Republicans, on the other hand, blasted their Democrats counterparts for passing an "irresponsible budget" on Wednesday and Brown for halting negotiations in March. Republicans have said they would let voters have their say on the tax extension if the governor would agree to certain reforms.
"Californians deserve a budget that stands the test of time, and that requires the real reforms that they are demanding -- meaningful pension reform, a spending limit and business-regulation relief for job creation," said Senate Republican Leader Bob Dutton.
The rejection dismayed Democratic lawmakers who had raced Wednesday to pass a budget that did not include the tax extensions. By doing so, they also sought to meet a deadline that would allow them to continue getting paid. California voters last year required that legislators approve a balanced budget by June 15 or forfeit their pay.
While the ballot measure did not say the governor had to approve that budget, the state controller is reviewing whether the budget passed Wednesday meets the state constitution's requirement.
Democratic legislative leaders called on Brown to either secure the Republican votes needed to put the tax extensions on the ballot or to produce a new detailed plan for crafting a balanced budget.

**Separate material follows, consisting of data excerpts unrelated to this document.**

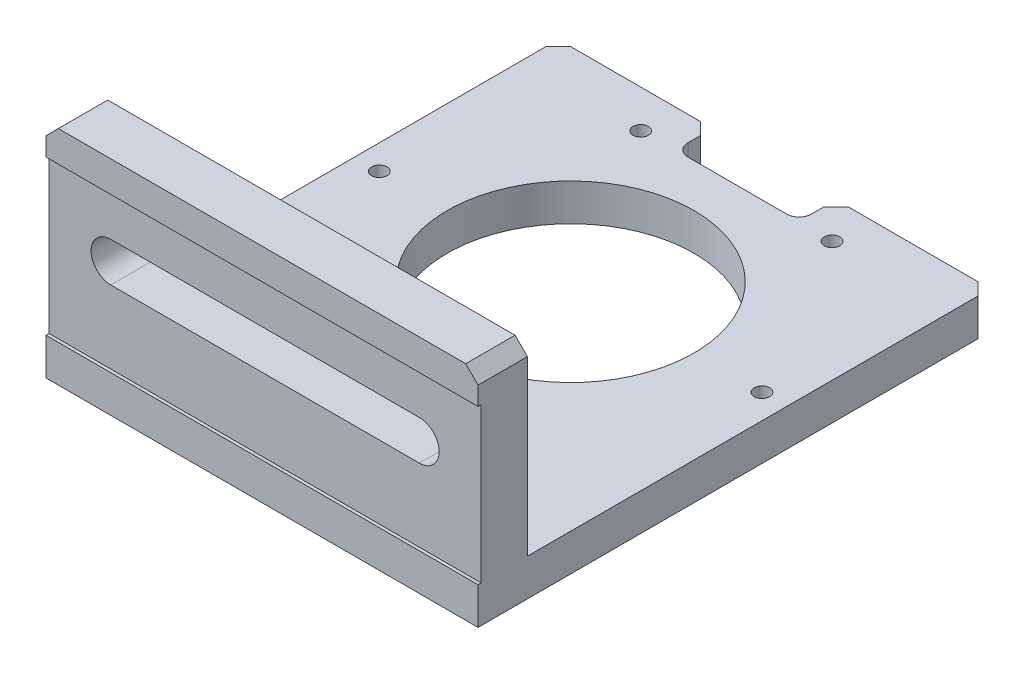
from build123d import *

# Parameters (mm, degrees)
SKETCH1_W           = 70
SKETCH1_H           = 83
BOSS_EXTRUDE1_DEPTH = 6
SKETCH2_W           = 70
SKETCH2_H           = 8
BOSS_EXTRUDE2_DEPTH = 30
SKETCH3_R           = 20
CUT_EXTRUDE1_DEPTH  = 20
SKETCH4_W           = 20
SKETCH4_H           = 12.019208042
CUT_EXTRUDE2_DEPTH  = 20
SKETCH5_R           = 1.25
CUT_EXTRUDE3_DEPTH  = 20
CUT_EXTRUDE4_DEPTH  = 20
SKETCH7_W           = 0.5
SKETCH7_H           = 25
CUT_EXTRUDE5_DEPTH  = 90
FILLET1_R           = 2
CHAMFER1_SIZE       = 2


with BuildPart() as part:
    # Sketch1 → Boss-Extrude1 (new body)
    with BuildSketch(Plane(origin=(0, 0, 0), x_dir=(1, 0, 0), z_dir=(0, 1, 0))):
        Rectangle(SKETCH1_W, SKETCH1_H)
    extrude(amount=BOSS_EXTRUDE1_DEPTH)

    # Sketch2 → Boss-Extrude2 (add)
    with BuildSketch(Plane(origin=(0, 6, 0), x_dir=(1, 0, 0), z_dir=(0, 1, 0))):
        with Locations((0, -37.5)):
            Rectangle(SKETCH2_W, SKETCH2_H)
    extrude(amount=BOSS_EXTRUDE2_DEPTH)

    # Sketch3 → Cut-Extrude1 (cut)
    with BuildSketch(Plane.XZ):
        with Locations(Location((0, -8.5, 0), (0, 0, 270))):
            Circle(SKETCH3_R)
    extrude(amount=-CUT_EXTRUDE1_DEPTH, mode=Mode.SUBTRACT)

    # Sketch4 → Cut-Extrude2 (cut)
    with BuildSketch(Plane(origin=(0, 6, 0), x_dir=(1, 0, 0), z_dir=(0, 1, 0))):
        with Locations((0, 41.509604021)):
            Rectangle(SKETCH4_W, SKETCH4_H)
    extrude(amount=-CUT_EXTRUDE2_DEPTH, mode=Mode.SUBTRACT)

    # Sketch5 → Cut-Extrude3 (cut)
    with BuildSketch(Plane(origin=(0, 6, 0), x_dir=(1, 0, 0), z_dir=(0, 1, 0))):
        with Locations(Location((31, 8.5, 0), (0, 0, 270))):
            Circle(SKETCH5_R)
        with Locations(Location((15.5, -18.346787517, 0), (0, 0, 270))):
            Circle(SKETCH5_R)
        with Locations(Location((-15.5, -18.346787517, 0), (0, 0, 270))):
            Circle(SKETCH5_R)
        with Locations(Location((-31, 8.5, 0), (0, 0, 270))):
            Circle(SKETCH5_R)
        with Locations(Location((-15.5, 35.346787517, 0), (0, 0, 270))):
            Circle(SKETCH5_R)
        with Locations(Location((15.5, 35.346787517, 0), (0, 0, 270))):
            Circle(SKETCH5_R)
    extrude(amount=-CUT_EXTRUDE3_DEPTH, mode=Mode.SUBTRACT)

    # Sketch6 → Cut-Extrude4 (cut)
    with BuildSketch(Plane(origin=(0, 0, 33.5), x_dir=(-1, 0, 0), z_dir=(0, 0, -1))):
        with BuildLine():
            Line((25, 17.8), (-25, 17.8))
            ThreePointArc((-25, 17.8), (-28.2, 21), (-25, 24.2))
            Line((-25, 24.2), (25, 24.2))
            ThreePointArc((25, 24.2), (28.2, 21), (25, 17.8))
        make_face()
    extrude(amount=-CUT_EXTRUDE4_DEPTH, mode=Mode.SUBTRACT)

    # Sketch7 → Cut-Extrude5 (cut)
    with BuildSketch(Plane.ZY.offset(35)):
        with Locations((41.25, 18.5)):
            Rectangle(SKETCH7_W, SKETCH7_H)
    extrude(amount=-CUT_EXTRUDE5_DEPTH, mode=Mode.SUBTRACT)

    # Fillet1
    fillet1_edges = [part.edges().sort_by_distance(p)[0] for p in [
        (-10, 3, -35.5),
        (10, 3, -35.5),
    ]]
    fillet(fillet1_edges, radius=FILLET1_R)

    # Chamfer1
    chamfer1_edges = [part.edges().sort_by_distance(p)[0] for p in [
        (-35, 36, 37.5),
        (35, 36, 37.5),
        (-10, 3, -41.5),
        (10, 3, -41.5),
        (-35, 3, -41.5),
        (35, 3, -41.5),
    ]]
    chamfer(chamfer1_edges, length=CHAMFER1_SIZE)


solid = part.part
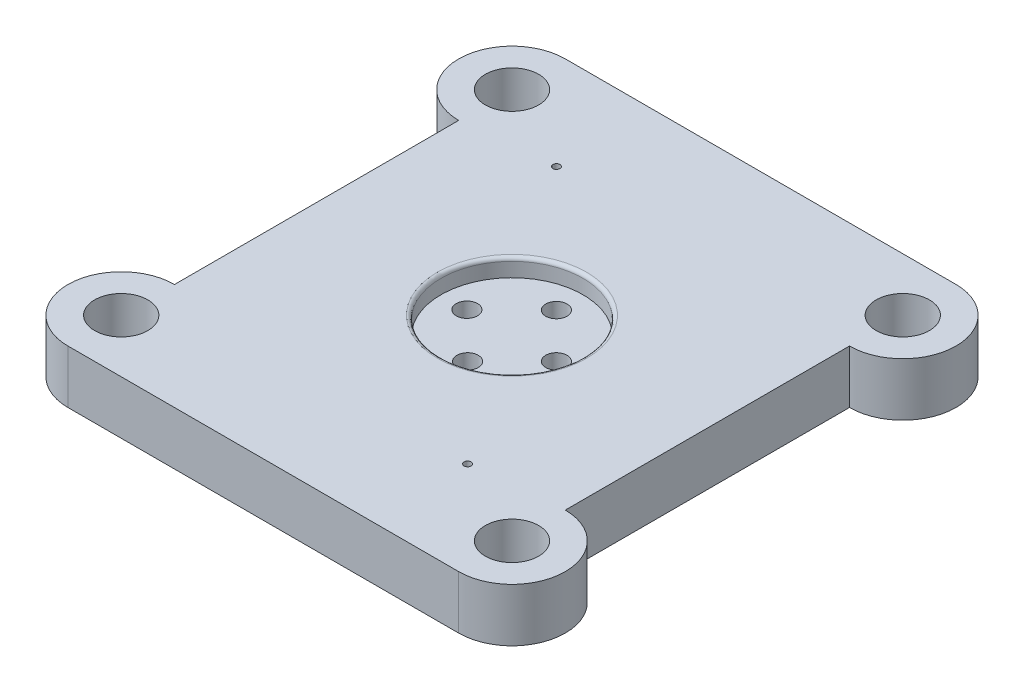
SolidWorks part; units mm, degrees
ref_plane "Front Plane" through (0, 0, 0) normal (0, 0, 1) x (1, 0, 0)
ref_plane "Top Plane" through (0, 0, 0) normal (0, 1, 0) x (1, 0, 0)
ref_plane "Right Plane" through (0, 0, 0) normal (1, 0, 0) x (0, 0, -1)
sketch "Sketch1" plane through (0, 0, 0) normal (0, 1, 0) x (1, 0, 0)
  line L0 (-110, -140) -> (80, -140)
  line L1 (80, -140) -> (80, 140)
  line L2 (80, 140) -> (-110, 140)
  line L7 (-110, -80) -> (-110, 80)
  arc A0 (-110, 140) -> (-110, 80) centre (-110, 110) ccw
  arc A1 (-110, -80) -> (-110, -140) centre (-110, -110) ccw
  circle A2 centre (-110, 110) radius 15
  circle A3 centre (-110, -110) radius 15
  dimension "D1" = 60
  dimension "D2" = 60
extrude "Boss-Extrude1" add sketch "Sketch1" along normal blind 30
ref_plane "Plane1" through (0, 0, 0) normal (0, 0, 1) x (1, 0, 0)
hole_wizard "CBORE for M8 Pan Head Machine Screw1" positions "Sketch4" profile "Sketch3" counterbore size "M8" standard "ANSI Metric" end condition through all
sketch "Sketch4" plane through (0, 30, 0) normal (0, 1, 0) x (1, 0, 0)
  line L0 (80, -140) -> (80, 140) construction
  line L1 (80, 140) -> (-110, 140) construction
  line L2 (-110, -140) -> (80, -140) construction
  point P0 (60, 120)
  point P2 (-60, 120)
  point P4 (-60, -120)
  point P6 (60, -120)
  dimension "D1" = 20
  dimension "D2" = 20
  dimension "D3" = 120
  dimension "D4" = 20
  dimension "D5" = 240
  dimension "D6" = 120
  dimension "D7" = 20
  dimension "D8" = 20
sketch "Sketch3" plane through (60, 30, -120) normal (1, 0, 0) x (0, 0, 1)
  line L0 (0, 0) -> (0, 30)
  line L1 (0, 30) -> (4.5, 30)
  line L3 (4.5, 30) -> (4.5, 6)
  line L4 (4.5, 6) -> (9, 6)
  line L5 (9, 6) -> (9, 0)
  line L7 (9, 0) -> (0, 0)
  line L11 (0, -6.35) -> (0, 107.95) construction
  dimension "Thru Hole Dia." = 9
  dimension "Thru Hole Depth" = 30
  dimension "C'Bore Dia." = 18
  dimension "C'Bore Depth" = 6
mirror "Mirror1" about plane through (0, 0, 0) normal (1, 0, 0) of "Boss-Extrude1"
sketch "草图1" plane through (0, 30, 0) normal (0, 1, 0) x (1, 0, 0)
  line L0 (0, 144.2948) -> (0, -158.1621) construction
  line L1 (-60, 144.2948) -> (-60, -152.915) construction
  line L2 (-123.6813, 0) -> (133.8007, 0) construction
  circle A0 centre (-60, 85) radius 2
  circle A1 centre (60, -85) radius 2
  dimension "D3" = 4
  dimension "D5" = 4
  dimension "D1" = 60
  dimension "D2" = 85
  dimension "D4" = 85
  dimension "D6" = 60
extrude "Cut-Extrude1" cut sketch "草图1" against normal through all
sketch "草图3" plane through (0, 0, 0) normal (0, -1, 0) x (1, 0, 0)
  line L0 (0, 148.0427) -> (0, -158.9117) construction
  line L1 (-120.3433, 0) -> (138.7049, 0) construction
  circle A0 centre (-60, 120) radius 5
  circle A1 centre (60, 120) radius 5
  circle A2 centre (60, -120) radius 5
  circle A3 centre (-60, -120) radius 5
  dimension "D1" = 10
  dimension "D2" = 60
  dimension "D3" = 120
extrude "Cut-Extrude3" cut sketch "草图3" against normal blind 20
sketch "草图4" plane through (0, 30, 0) normal (0, 1, 0) x (1, 0, 0)
  line L0 (0, -183.0116) -> (0, 207.2687) construction
  line L1 (-62.2638, 0) -> (127.04, 0) construction
  circle A0 centre (0, 0) radius 40
  dimension "D2" = 80
  dimension "D1" = 0
extrude "Cut-Extrude4" cut sketch "草图4" against normal blind 10
fillet "Fillet1" radius 2 1 edges at (0, 30, 40)
sketch "Sketch5" plane through (0, 20, 0) normal (0, 1, 0) x (1, 0, 0)
  line L0 (0, 0) -> (78.3315, 0) construction
  line L1 (0, 107.5652) -> (0, 28.859) construction
  circle A0 centre (0, 25) radius 6
  circle A1 centre (-25.4, 0) radius 6
  circle A4 centre (25, 0) radius 6
  circle A5 centre (0, -25) radius 6
  circle A6 centre (-25, 0) radius 6
  circle A7 centre (-50.4, 25.4) radius 6 [skipped]
  circle A8 centre (-25, 50.4) radius 6 [skipped]
  point P17 (-25.2, 25.2)
  point P24 (0, 0)
  dimension "D1" = 4
  dimension "D2" = 25
  dimension "D3" = 4
extrude "Cut-Extrude7" cut sketch "Sketch5" against normal blind 15 contours A0 | A1 | A5 | A4

"We are too far down the road for the governor to continue avoiding a specific set of proposals of what he intends to do or wants to be done if he can't gain those Republican votes," said Senate President Pro Tem Darrell Steinberg.
Budget talks had essentially been at a standstill until Wednesday, when the Democratic-led state legislature passed a budget that relied on cuts and fiscal sleights-of-hand. Lawmakers only needed a majority to approve it, thanks to a ballot measure voters approved last year.
The budget would have sent $3 billion less to schools and delayed the repayment of $744 million that the state borrowed from school districts. It also depended on tax revenues coming in higher than originally forecast, as they have been doing.
The state's universities would have had another $300 million cut in funding, while the courts would have gotten $150 million less.
The proposal also relied on revenue shifts and one-time maneuvers. For instance, it called for sending some motor vehicle fees to the state general fund, while raising registration fees by $12 to support the state Department of Motor Vehicles. And it took $1 billion from a fund dedicated to early childhood development.
The budget plan would have resurrected the sale of $1.2 billion of public buildings, which Brown called off earlier this year.
It also would have added a quarter percentage point to the local sales tax and extended the sales levy to online retailers, such as Amazon.com (Fortune 500). An Internet sales tax would have brought in an estimated $200 million.,
The path to a balanced budget has taken many turns since Brown unveiled a plan in January to close the state's massive shortfall by extending temporary personal income and sales taxes passed in 2009 and cutting spending.
Two months later, the legislature approved several measures that closed $14 billion of the gap. Then, the Golden State learned in early May that tax revenues were coming in $2.5 billion higher than forecast.
Brown released a revised budget in mid May that reduced the amount the state needed to raise in taxes and to cut in spending. But Republican lawmakers refused to put the measure on the ballot without securing the spending cap and pension and regulatory reforms.